Filipino caregiver Gladys Wilkom wished the Cal MediConnect had “happened sooner.” Wilkom takes care of her dual eligible father. Three years ago, he was diagnosed with aneurysm, among others. She helped him by reading through the tedious literature of his medication and filling up forms. But he refused his medication, prompting his doctor at one time to say, “I give up on you!”
This echoed Dr. Kenneth Tai’s sentiments. The Medical Director of North East Medical Services in San Francisco said, “85 percent of my patients don’t speak English.
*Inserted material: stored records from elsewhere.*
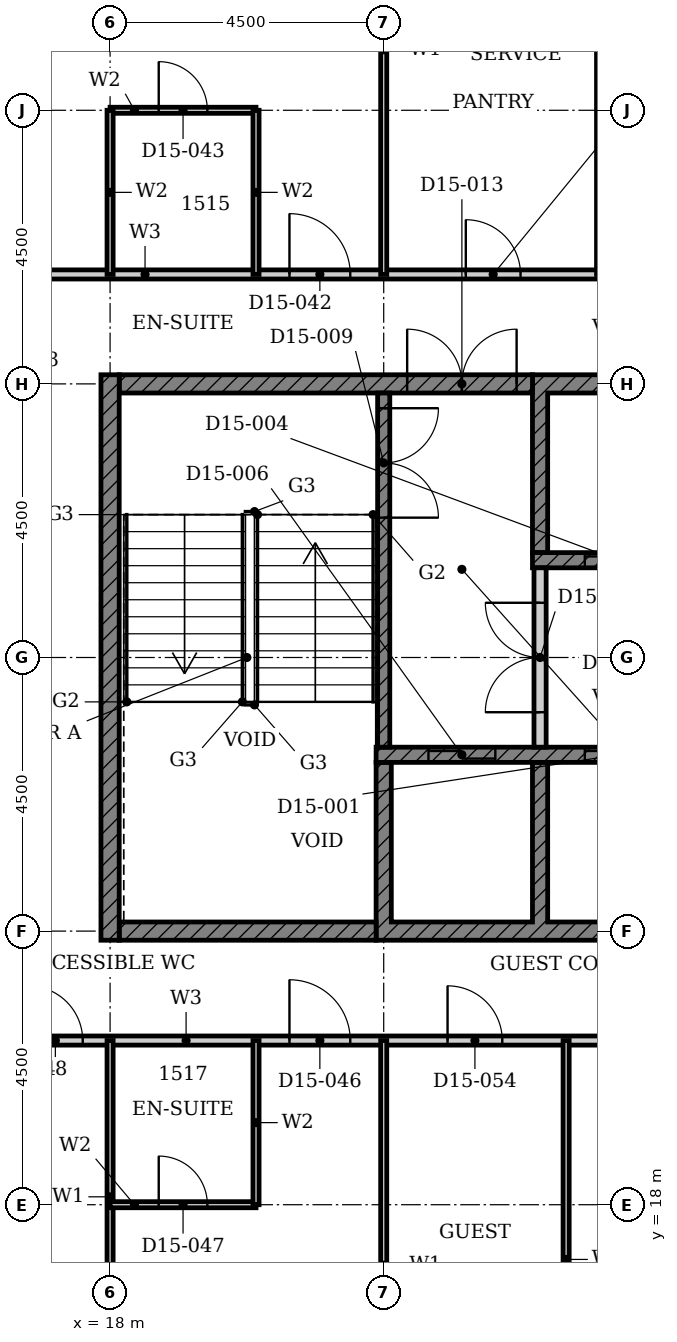
"""IFC4 building model, lengths in metres.
Left out: names, types, materials, properties, quantities, classifications, styles, units other than length and angle.
Written with IfcOpenShell. Run it as: python <this file> out.ifc"""

import sys

from ifc_helpers import new_model, si_unit, direction, frame, frame_2d, origin, place, context, subcontext, project, spatial, polyline, rectangle, outline, extrude, element, fill, save


model = new_model("IFC4")
c1 = context("Model", 3, precision=1e-05, world=origin(), true_north=direction((0.0, 1.0)))
c2 = subcontext(c1, "Body", "Model", "MODEL_VIEW")
j1 = project(units=[si_unit("LENGTHUNIT", "METRE"), si_unit("PLANEANGLEUNIT", "RADIAN")], contexts=[c1])
p1 = place(None, origin())
s1 = spatial("IfcSite", under=j1, at=p1, CompositionType="ELEMENT")
p2 = place(p1, origin())
s2 = spatial("IfcBuilding", under=s1, at=p2, CompositionType="ELEMENT")
p3 = place(p2, frame((0.0, 0.0, 67.2)))
s3 = spatial("IfcBuildingStorey", under=s2, at=p3, CompositionType="ELEMENT", Elevation=67.2)
p4 = place(p3, origin())
e1 = element("IfcWall", 1, at=p4, inside=s3, PredefinedType="SHEAR", context=c2, shape_type="SweptSolid", body=[
    extrude(outline(polyline([(22.375, 22.35), (38.053, 22.35), (38.053, 25.275), (37.803, 25.275), (37.803, 22.65), (35.482, 22.65), (35.482, 25.275), (35.232, 25.275), (35.232, 22.65), (32.911, 22.65), (32.911, 25.275), (32.661, 25.275), (32.661, 22.65), (30.339, 22.65), (30.339, 25.275), (30.089, 25.275), (30.089, 22.65), (27.768, 22.65), (27.768, 25.275), (27.518, 25.275), (27.518, 22.65), (25.197, 22.65), (25.197, 25.275), (24.947, 25.275), (24.947, 22.65), (22.625, 22.65), (22.625, 25.275), (22.375, 25.275), (22.375, 22.35)])), origin(), (0.0, 0.0, 1.0), 3.3),
])
p5 = place(p3, origin())
e2 = element("IfcWall", 2, at=p5, inside=s3, PredefinedType="SHEAR", context=c2, shape_type="SweptSolid", body=[
    extrude(outline(polyline([(24.947, 28.725), (25.197, 28.725), (25.197, 31.35), (27.518, 31.35), (27.518, 28.725), (27.768, 28.725), (27.768, 31.35), (30.089, 31.35), (30.089, 28.725), (30.339, 28.725), (30.339, 31.35), (32.661, 31.35), (32.661, 28.725), (32.911, 28.725), (32.911, 31.35), (35.232, 31.35), (35.232, 28.725), (35.482, 28.725), (35.482, 31.35), (37.803, 31.35), (37.803, 28.725), (38.053, 28.725), (38.053, 31.35), (40.375, 31.35), (40.375, 28.725), (40.625, 28.725), (40.625, 31.65), (24.947, 31.65), (24.947, 28.725)])), origin(), (0.0, 0.0, 1.0), 3.3),
])
p6 = place(p3, frame((18.15, 22.5, 0.0), z_axis=(0.0, 0.0, 1.0), x_axis=(1.0, 0.0, 0.0)))
e3 = element("IfcWall", 3, at=p6, inside=s3, PredefinedType="SHEAR", context=c2, shape_type="SweptSolid", body=[
    extrude(rectangle(XDim=4.225, YDim=0.3, at=frame_2d((2.113, 0.0))), origin(), (0.0, 0.0, 1.0), 3.3),
])
p7 = place(p3, frame((18.15, 31.5, 0.0), z_axis=(0.0, 0.0, 1.0), x_axis=(1.0, 0.0, 0.0)))
e4 = element("IfcWall", 4, at=p7, inside=s3, PredefinedType="SHEAR", context=c2, shape_type="SweptSolid", body=[
    extrude(rectangle(XDim=6.797, YDim=0.3, at=frame_2d((3.398, 0.0))), origin(), (0.0, 0.0, 1.0), 3.3),
])
p8 = place(p7, frame((4.736, 0.0, 0.0)))
e5 = element("IfcOpeningElement", 5, at=p8, cuts=e4, PredefinedType="OPENING", context=c2, shape_type="SweptSolid", body=[
    extrude(rectangle(XDim=1.8, YDim=2.1, at=frame_2d((0.9, 1.05))), frame((0.0, 0.16, 0.0), z_axis=(0.0, -1.0, 0.0), x_axis=(1.0, 0.0, 0.0)), (0.0, 0.0, 1.0), 0.32),
])
p9 = place(p3, frame((18.0, 22.35, 0.0), z_axis=(0.0, 0.0, 1.0), x_axis=(0.0, 1.0, 0.0)))
e6 = element("IfcWall", 6, at=p9, inside=s3, PredefinedType="SHEAR", context=c2, shape_type="SweptSolid", body=[
    extrude(rectangle(XDim=9.3, YDim=0.3, at=frame_2d((4.65, 0.0))), origin(), (0.0, 0.0, 1.0), 3.3),
])
p10 = place(p3, frame((22.375, 25.4, 0.0), z_axis=(0.0, 0.0, 1.0), x_axis=(1.0, 0.0, 0.0)))
e7 = element("IfcWall", 7, at=p10, inside=s3, PredefinedType="SHEAR", context=c2, shape_type="SweptSolid", body=[
    extrude(rectangle(XDim=15.678, YDim=0.25, at=frame_2d((7.839, 0.0))), origin(), (0.0, 0.0, 1.0), 3.3),
])
p11 = place(p10, frame((3.432, 0.0, 0.0)))
e8 = element("IfcOpeningElement", 8, at=p11, cuts=e7, PredefinedType="OPENING", context=c2, shape_type="SweptSolid", body=[
    extrude(rectangle(XDim=1.1, YDim=2.1, at=frame_2d((0.55, 1.05))), frame((0.0, 0.135, 0.0), z_axis=(0.0, -1.0, 0.0), x_axis=(1.0, 0.0, 0.0)), (0.0, 0.0, 1.0), 0.27),
])
p12 = place(p10, frame((11.146, 0.0, 0.0)))
e9 = element("IfcOpeningElement", 9, at=p12, cuts=e7, PredefinedType="OPENING", context=c2, shape_type="SweptSolid", body=[
    extrude(rectangle(XDim=1.1, YDim=2.1, at=frame_2d((0.55, 1.05))), frame((0.0, 0.135, 0.0), z_axis=(0.0, -1.0, 0.0), x_axis=(1.0, 0.0, 0.0)), (0.0, 0.0, 1.0), 0.27),
])
p13 = place(p10, frame((13.718, 0.0, 0.0)))
e10 = element("IfcOpeningElement", 10, at=p13, cuts=e7, PredefinedType="OPENING", context=c2, shape_type="SweptSolid", body=[
    extrude(rectangle(XDim=1.1, YDim=2.1, at=frame_2d((0.55, 1.05))), frame((0.0, 0.135, 0.0), z_axis=(0.0, -1.0, 0.0), x_axis=(1.0, 0.0, 0.0)), (0.0, 0.0, 1.0), 0.27),
])
p14 = place(p10, frame((0.861, 0.0, 0.0)))
e11 = element("IfcOpeningElement", 11, at=p14, cuts=e7, PredefinedType="OPENING", context=c2, shape_type="SweptSolid", body=[
    extrude(rectangle(XDim=1.1, YDim=2.1, at=frame_2d((0.55, 1.05))), frame((0.0, 0.135, 0.0), z_axis=(0.0, -1.0, 0.0), x_axis=(1.0, 0.0, 0.0)), (0.0, 0.0, 1.0), 0.27),
])
p15 = place(p3, frame((24.947, 28.6, 0.0), z_axis=(0.0, 0.0, 1.0), x_axis=(1.0, 0.0, 0.0)))
e12 = element("IfcWall", 12, at=p15, inside=s3, PredefinedType="SHEAR", context=c2, shape_type="SweptSolid", body=[
    extrude(rectangle(XDim=15.678, YDim=0.25, at=frame_2d((7.839, 0.0))), origin(), (0.0, 0.0, 1.0), 3.3),
])
p16 = place(p15, frame((0.861, 0.0, 0.0)))
e13 = element("IfcOpeningElement", 13, at=p16, cuts=e12, PredefinedType="OPENING", context=c2, shape_type="SweptSolid", body=[
    extrude(rectangle(XDim=1.1, YDim=2.1, at=frame_2d((0.55, 1.05))), frame((0.0, 0.135, 0.0), z_axis=(0.0, -1.0, 0.0), x_axis=(1.0, 0.0, 0.0)), (0.0, 0.0, 1.0), 0.27),
])
p17 = place(p15, frame((8.575, 0.0, 0.0)))
e14 = element("IfcOpeningElement", 14, at=p17, cuts=e12, PredefinedType="OPENING", context=c2, shape_type="SweptSolid", body=[
    extrude(rectangle(XDim=1.1, YDim=2.1, at=frame_2d((0.55, 1.05))), frame((0.0, 0.135, 0.0), z_axis=(0.0, -1.0, 0.0), x_axis=(1.0, 0.0, 0.0)), (0.0, 0.0, 1.0), 0.27),
])
p18 = place(p15, frame((13.718, 0.0, 0.0)))
e15 = element("IfcOpeningElement", 15, at=p18, cuts=e12, PredefinedType="OPENING", context=c2, shape_type="SweptSolid", body=[
    extrude(rectangle(XDim=1.1, YDim=2.1, at=frame_2d((0.55, 1.05))), frame((0.0, 0.135, 0.0), z_axis=(0.0, -1.0, 0.0), x_axis=(1.0, 0.0, 0.0)), (0.0, 0.0, 1.0), 0.27),
])
p19 = place(p3, frame((22.5, 31.35, 0.0), z_axis=(0.0, 0.0, 1.0), x_axis=(0.0, -1.0, 0.0)))
e16 = element("IfcWall", 16, at=p19, inside=s3, PredefinedType="SHEAR", context=c2, shape_type="SweptSolid", body=[
    extrude(rectangle(XDim=5.825, YDim=0.2, at=frame_2d((2.913, 0.0))), origin(), (0.0, 0.0, 1.0), 3.3),
])
p20 = place(p19, frame((0.25, 0.0, 0.0)))
e17 = element("IfcOpeningElement", 17, at=p20, cuts=e16, PredefinedType="OPENING", context=c2, shape_type="SweptSolid", body=[
    extrude(rectangle(XDim=1.8, YDim=2.1, at=frame_2d((0.9, 1.05))), frame((0.0, 0.11, 0.0), z_axis=(0.0, -1.0, 0.0), x_axis=(1.0, 0.0, 0.0)), (0.0, 0.0, 1.0), 0.22),
])
p21 = place(p3, frame((25.072, 25.525, 0.0), z_axis=(0.0, 0.0, 1.0), x_axis=(0.0, 1.0, 0.0)))
e18 = element("IfcWall", 18, at=p21, inside=s3, PredefinedType="PARTITIONING", context=c2, shape_type="SweptSolid", body=[
    extrude(rectangle(XDim=2.95, YDim=0.2, at=frame_2d((1.475, 0.0))), origin(), (0.0, 0.0, 1.0), 3.3),
])
p22 = place(p21, frame((0.575, 0.0, 0.0)))
e19 = element("IfcOpeningElement", 19, at=p22, cuts=e18, PredefinedType="OPENING", context=c2, shape_type="SweptSolid", body=[
    extrude(rectangle(XDim=1.8, YDim=2.1, at=frame_2d((0.9, 1.05))), frame((0.0, 0.11, 0.0), z_axis=(0.0, -1.0, 0.0), x_axis=(1.0, 0.0, 0.0)), (0.0, 0.0, 1.0), 0.22),
])
p23 = place(p3, frame((16.2, 20.7, 0.0), z_axis=(0.0, 0.0, 1.0), x_axis=(1.0, 0.0, 0.0)))
e20 = element("IfcWall", 20, at=p23, inside=s3, PredefinedType="PARTITIONING", context=c2, shape_type="SweptSolid", body=[
    extrude(rectangle(XDim=13.5, YDim=0.15, at=frame_2d((6.75, 0.0))), origin(), (0.0, 0.0, 1.0), 3.3),
])
p24 = place(p23, frame((4.75, 0.0, 0.0)))
e21 = element("IfcOpeningElement", 21, at=p24, cuts=e20, PredefinedType="OPENING", context=c2, shape_type="SweptSolid", body=[
    extrude(rectangle(XDim=1.0, YDim=2.1, at=frame_2d((0.5, 1.05))), frame((0.0, 0.085, 0.0), z_axis=(0.0, -1.0, 0.0), x_axis=(1.0, 0.0, 0.0)), (0.0, 0.0, 1.0), 0.17),
])
p25 = place(p23, frame((0.45, 0.0, 0.0)))
e22 = element("IfcOpeningElement", 22, at=p25, cuts=e20, PredefinedType="OPENING", context=c2, shape_type="SweptSolid", body=[
    extrude(rectangle(XDim=0.9, YDim=2.1, at=frame_2d((0.45, 1.05))), frame((0.0, 0.085, 0.0), z_axis=(0.0, -1.0, 0.0), x_axis=(1.0, 0.0, 0.0)), (0.0, 0.0, 1.0), 0.17),
])
p26 = place(p23, frame((7.35, 0.0, 0.0)))
e23 = element("IfcOpeningElement", 23, at=p26, cuts=e20, PredefinedType="OPENING", context=c2, shape_type="SweptSolid", body=[
    extrude(rectangle(XDim=0.9, YDim=2.1, at=frame_2d((0.45, 1.05))), frame((0.0, 0.085, 0.0), z_axis=(0.0, -1.0, 0.0), x_axis=(1.0, 0.0, 0.0)), (0.0, 0.0, 1.0), 0.17),
])
p27 = place(p23, frame((10.95, 0.0, 0.0)))
e24 = element("IfcOpeningElement", 24, at=p27, cuts=e20, PredefinedType="OPENING", context=c2, shape_type="SweptSolid", body=[
    extrude(rectangle(XDim=0.9, YDim=2.1, at=frame_2d((0.45, 1.05))), frame((0.0, 0.085, 0.0), z_axis=(0.0, -1.0, 0.0), x_axis=(1.0, 0.0, 0.0)), (0.0, 0.0, 1.0), 0.17),
])
p28 = place(p3, frame((16.2, 33.3, 0.0), z_axis=(0.0, 0.0, 1.0), x_axis=(1.0, 0.0, 0.0)))
e25 = element("IfcWall", 25, at=p28, inside=s3, PredefinedType="PARTITIONING", context=c2, shape_type="SweptSolid", body=[
    extrude(rectangle(XDim=9.9, YDim=0.15, at=frame_2d((4.95, 0.0))), origin(), (0.0, 0.0, 1.0), 3.3),
])
p29 = place(p28, frame((4.75, 0.0, 0.0)))
e26 = element("IfcOpeningElement", 26, at=p29, cuts=e25, PredefinedType="OPENING", context=c2, shape_type="SweptSolid", body=[
    extrude(rectangle(XDim=1.0, YDim=2.1, at=frame_2d((0.5, 1.05))), frame((0.0, 0.085, 0.0), z_axis=(0.0, -1.0, 0.0), x_axis=(1.0, 0.0, 0.0)), (0.0, 0.0, 1.0), 0.17),
])
p30 = place(p28, frame((7.65, 0.0, 0.0)))
e27 = element("IfcOpeningElement", 27, at=p30, cuts=e25, PredefinedType="OPENING", context=c2, shape_type="SweptSolid", body=[
    extrude(rectangle(XDim=0.9, YDim=2.1, at=frame_2d((0.45, 1.05))), frame((0.0, 0.085, 0.0), z_axis=(0.0, -1.0, 0.0), x_axis=(1.0, 0.0, 0.0)), (0.0, 0.0, 1.0), 0.17),
])
p31 = place(p3, frame((18.0, 15.56, 0.0), z_axis=(0.0, 0.0, 1.0), x_axis=(0.0, 1.0, 0.0)))
e28 = element("IfcWall", 28, at=p31, inside=s3, PredefinedType="PARTITIONING", context=c2, shape_type="SweptSolid", body=[
    extrude(rectangle(XDim=5.14, YDim=0.1, at=frame_2d((2.57, 0.0))), origin(), (0.0, 0.0, 1.0), 3.3),
])
for number, where, z_axis, x_axis in (
    (29, (22.5, 33.3, 0.0), (0.0, 0.0, 1.0), (0.0, 1.0, 0.0)),
    (30, (22.5, 13.31, 0.0), (0.0, 0.0, 1.0), (0.0, 1.0, 0.0)),
):
    element("IfcWall", number, at=place(p3, frame(where, z_axis=z_axis, x_axis=x_axis)), inside=s3, PredefinedType="PARTITIONING", context=c2, shape_type="SweptSolid", body=[
        extrude(rectangle(XDim=7.39, YDim=0.1, at=frame_2d((3.695, 0.0))), origin(), (0.0, 0.0, 1.0), 3.3),
    ])
p32 = place(p3, frame((25.5, 13.5, 0.0), z_axis=(0.0, 0.0, 1.0), x_axis=(0.0, 1.0, 0.0)))
e31 = element("IfcWall", 31, at=p32, inside=s3, PredefinedType="PARTITIONING", context=c2, shape_type="SweptSolid", body=[
    extrude(rectangle(XDim=7.2, YDim=0.1, at=frame_2d((3.6, 0.0))), origin(), (0.0, 0.0, 1.0), 3.3),
])
p33 = place(p3, frame((18.0, 18.0, 0.0), z_axis=(0.0, 0.0, 1.0), x_axis=(1.0, 0.0, 0.0)))
e32 = element("IfcWall", 32, at=p33, inside=s3, PredefinedType="PARTITIONING", context=c2, shape_type="SweptSolid", body=[
    extrude(rectangle(XDim=2.4, YDim=0.1, at=frame_2d((1.2, 0.0))), origin(), (0.0, 0.0, 1.0), 3.3),
])
p34 = place(p33, frame((0.8, 0.0, 0.0)))
e33 = element("IfcOpeningElement", 33, at=p34, cuts=e32, PredefinedType="OPENING", context=c2, shape_type="SweptSolid", body=[
    extrude(rectangle(XDim=0.8, YDim=2.1, at=frame_2d((0.4, 1.05))), frame((0.0, 0.06, 0.0), z_axis=(0.0, -1.0, 0.0), x_axis=(1.0, 0.0, 0.0)), (0.0, 0.0, 1.0), 0.12),
])
p35 = place(p3, frame((18.0, 36.0, 0.0), z_axis=(0.0, 0.0, 1.0), x_axis=(1.0, 0.0, 0.0)))
e34 = element("IfcWall", 34, at=p35, inside=s3, PredefinedType="PARTITIONING", context=c2, shape_type="SweptSolid", body=[
    extrude(rectangle(XDim=2.4, YDim=0.1, at=frame_2d((1.2, 0.0))), origin(), (0.0, 0.0, 1.0), 3.3),
])
p36 = place(p35, frame((0.8, 0.0, 0.0)))
e35 = element("IfcOpeningElement", 35, at=p36, cuts=e34, PredefinedType="OPENING", context=c2, shape_type="SweptSolid", body=[
    extrude(rectangle(XDim=0.8, YDim=2.1, at=frame_2d((0.4, 1.05))), frame((0.0, 0.06, 0.0), z_axis=(0.0, -1.0, 0.0), x_axis=(1.0, 0.0, 0.0)), (0.0, 0.0, 1.0), 0.12),
])
for number, where, z_axis, x_axis in (
    (36, (18.0, 33.3, 0.0), (0.0, 0.0, 1.0), (0.0, 1.0, 0.0)),
    (37, (20.4, 33.3, 0.0), (0.0, 0.0, 1.0), (0.0, 1.0, 0.0)),
    (38, (20.4, 18.0, 0.0), (0.0, 0.0, 1.0), (0.0, 1.0, 0.0)),
):
    element("IfcWall", number, at=place(p3, frame(where, z_axis=z_axis, x_axis=x_axis)), inside=s3, PredefinedType="PARTITIONING", context=c2, shape_type="SweptSolid", body=[
        extrude(rectangle(XDim=2.7, YDim=0.1, at=frame_2d((1.35, 0.0))), origin(), (0.0, 0.0, 1.0), 3.3),
    ])
p37 = place(p3, frame((26.1, 33.3, 0.0), z_axis=(0.0, 0.0, 1.0), x_axis=(0.0, 1.0, 0.0)))
e39 = element("IfcWall", 39, at=p37, inside=s3, PredefinedType="PARTITIONING", context=c2, shape_type="SweptSolid", body=[
    extrude(rectangle(XDim=7.2, YDim=0.2, at=frame_2d((3.6, 0.0))), origin(), (0.0, 0.0, 1.0), 3.3),
])
p38 = place(p11, origin())
e40 = element("IfcDoor", 40, at=p38, inside=s3, OperationType="DOUBLE_DOOR_SLIDING", PredefinedType="DOOR", context=c2, shape_type="SweptSolid", body=[
    extrude(rectangle(XDim=1.1, YDim=2.1, at=frame_2d((0.55, 1.05))), frame((0.0, 0.025, 0.0), z_axis=(0.0, -1.0, 0.0), x_axis=(1.0, 0.0, 0.0)), (0.0, 0.0, 1.0), 0.05),
])
fill(e8, e40)
p39 = place(p16, origin())
e41 = element("IfcDoor", 41, at=p39, inside=s3, OperationType="DOUBLE_DOOR_SLIDING", PredefinedType="DOOR", context=c2, shape_type="SweptSolid", body=[
    extrude(rectangle(XDim=1.1, YDim=2.1, at=frame_2d((0.55, 1.05))), frame((0.0, 0.025, 0.0), z_axis=(0.0, -1.0, 0.0), x_axis=(1.0, 0.0, 0.0)), (0.0, 0.0, 1.0), 0.05),
])
fill(e13, e41)
p40 = place(p14, origin())
e42 = element("IfcDoor", 42, at=p40, inside=s3, OperationType="DOUBLE_DOOR_SLIDING", PredefinedType="DOOR", context=c2, shape_type="SweptSolid", body=[
    extrude(rectangle(XDim=1.1, YDim=2.1, at=frame_2d((0.55, 1.05))), frame((0.0, 0.025, 0.0), z_axis=(0.0, -1.0, 0.0), x_axis=(1.0, 0.0, 0.0)), (0.0, 0.0, 1.0), 0.05),
])
fill(e11, e42)
p41 = place(p20, origin())
e43 = element("IfcDoor", 43, at=p41, inside=s3, OperationType="DOUBLE_DOOR_SINGLE_SWING", PredefinedType="DOOR", context=c2, shape_type="SweptSolid", body=[
    extrude(rectangle(XDim=1.8, YDim=2.1, at=frame_2d((0.9, 1.05))), frame((0.0, 0.025, 0.0), z_axis=(0.0, -1.0, 0.0), x_axis=(1.0, 0.0, 0.0)), (0.0, 0.0, 1.0), 0.05),
])
fill(e17, e43)
p42 = place(p22, origin())
e44 = element("IfcDoor", 44, at=p42, inside=s3, OperationType="DOUBLE_DOOR_SINGLE_SWING", PredefinedType="DOOR", context=c2, shape_type="SweptSolid", body=[
    extrude(rectangle(XDim=1.8, YDim=2.1, at=frame_2d((0.9, 1.05))), frame((0.0, 0.025, 0.0), z_axis=(0.0, -1.0, 0.0), x_axis=(1.0, 0.0, 0.0)), (0.0, 0.0, 1.0), 0.05),
])
fill(e19, e44)
p43 = place(p8, origin())
e45 = element("IfcDoor", 45, at=p43, inside=s3, OperationType="DOUBLE_DOOR_SINGLE_SWING", PredefinedType="DOOR", context=c2, shape_type="SweptSolid", body=[
    extrude(rectangle(XDim=1.8, YDim=2.1, at=frame_2d((0.9, 1.05))), frame((0.0, 0.025, 0.0), z_axis=(0.0, -1.0, 0.0), x_axis=(1.0, 0.0, 0.0)), (0.0, 0.0, 1.0), 0.05),
])
fill(e5, e45)
p44 = place(p29, origin())
e46 = element("IfcDoor", 46, at=p44, inside=s3, OperationType="SINGLE_SWING_RIGHT", PredefinedType="DOOR", context=c2, shape_type="SweptSolid", body=[
    extrude(rectangle(XDim=1.0, YDim=2.1, at=frame_2d((0.5, 1.05))), frame((0.0, 0.025, 0.0), z_axis=(0.0, -1.0, 0.0), x_axis=(1.0, 0.0, 0.0)), (0.0, 0.0, 1.0), 0.05),
])
fill(e26, e46)
p45 = place(p36, origin())
e47 = element("IfcDoor", 47, at=p45, inside=s3, OperationType="SINGLE_SWING_LEFT", PredefinedType="DOOR", context=c2, shape_type="SweptSolid", body=[
    extrude(rectangle(XDim=0.8, YDim=2.1, at=frame_2d((0.4, 1.05))), frame((0.0, 0.025, 0.0), z_axis=(0.0, -1.0, 0.0), x_axis=(1.0, 0.0, 0.0)), (0.0, 0.0, 1.0), 0.05),
])
fill(e35, e47)
p46 = place(p24, origin())
e48 = element("IfcDoor", 48, at=p46, inside=s3, OperationType="SINGLE_SWING_RIGHT", PredefinedType="DOOR", context=c2, shape_type="SweptSolid", body=[
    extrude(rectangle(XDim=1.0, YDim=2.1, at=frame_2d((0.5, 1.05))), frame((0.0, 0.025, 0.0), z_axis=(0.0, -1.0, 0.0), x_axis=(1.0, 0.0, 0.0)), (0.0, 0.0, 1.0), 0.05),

Usually, during a visit, patients get a standard letter in English from Medicare or the Center for Medicare and Medicaid Services (the agency that oversees the state administration).” Non-English speaking patients, already overwhelmed by medical instructions and regimen, have to put up with the mystery of English.
“The other difficulty is that we physicians don’t get a report of where the patient has been treated recently. We get those way, way later. If I had the feedback from HPSM, I can easily get the patient to my clinic within a week after discharge from the hospital. A follow-up needs to be done because the patient may not have gotten the hospital-prescribed regimen right. And we also have to be culturally sensitive, specially to people who don’t believe in western medicine.”
OK to opt out
There is no lock-in for beneficiaries enrolled in Cal MediConnect. Opting out can be done after or during enrollment. Duals who opt out will continue to have all their current Medicare benefits.
Duals who stay with Cal MediConnect may continue to see their existing Medicare doctor for up to six months and use their MediCal provider for a year even if the provider does not join the Cal MediConnect network.
Dr. Tai explained that the most probable reason a doctor won’t join the network is that doctor’s physicians’ group restrictions. A private physician may balk at the reimbursement negotiated by the Program. MediCal recently cut it by 10 percent. Some colleagues in private practice say $18 per visit is not sustainable.”
Vinson added that the challenges for Cal MediConnect to be sustainable are two-fold. “Cost-saving targets could threaten the promise of improved care and that savings may not be realized right away. But the aggressive timeline goals of the state raise concerns about the Program’s readiness and continuity in some counties.”
There are about 1.1 million dual eligible in California. The state plans to enroll 456,000 into the pilot programs. An estimated 200,000 of those will be in Los Angeles. Seven out of 10 duals are 65 or older, most of them women. One out of three dual eligible is a youngster with disability.
San Mateo County has approximately 12,371 eligibles for the Program. About 4,547 are scheduled for the April enrollment. These so called passively enrolled dual eligibles can opt out of the Program.
The HPSM currently has several other programs. The first, in place since 2006, is the Care Advantage, a special needs program for dual eligibles numbering about 8,600. They also have the Health Works Program for people who provide in-house services.
Their MediCal Program has about 85,000 members. Their Ace Program provides coverage for most adult undocumented aliens in the county, administered through the San Mateo Medical Center. Last is the Healthy Kids Program for those under 19.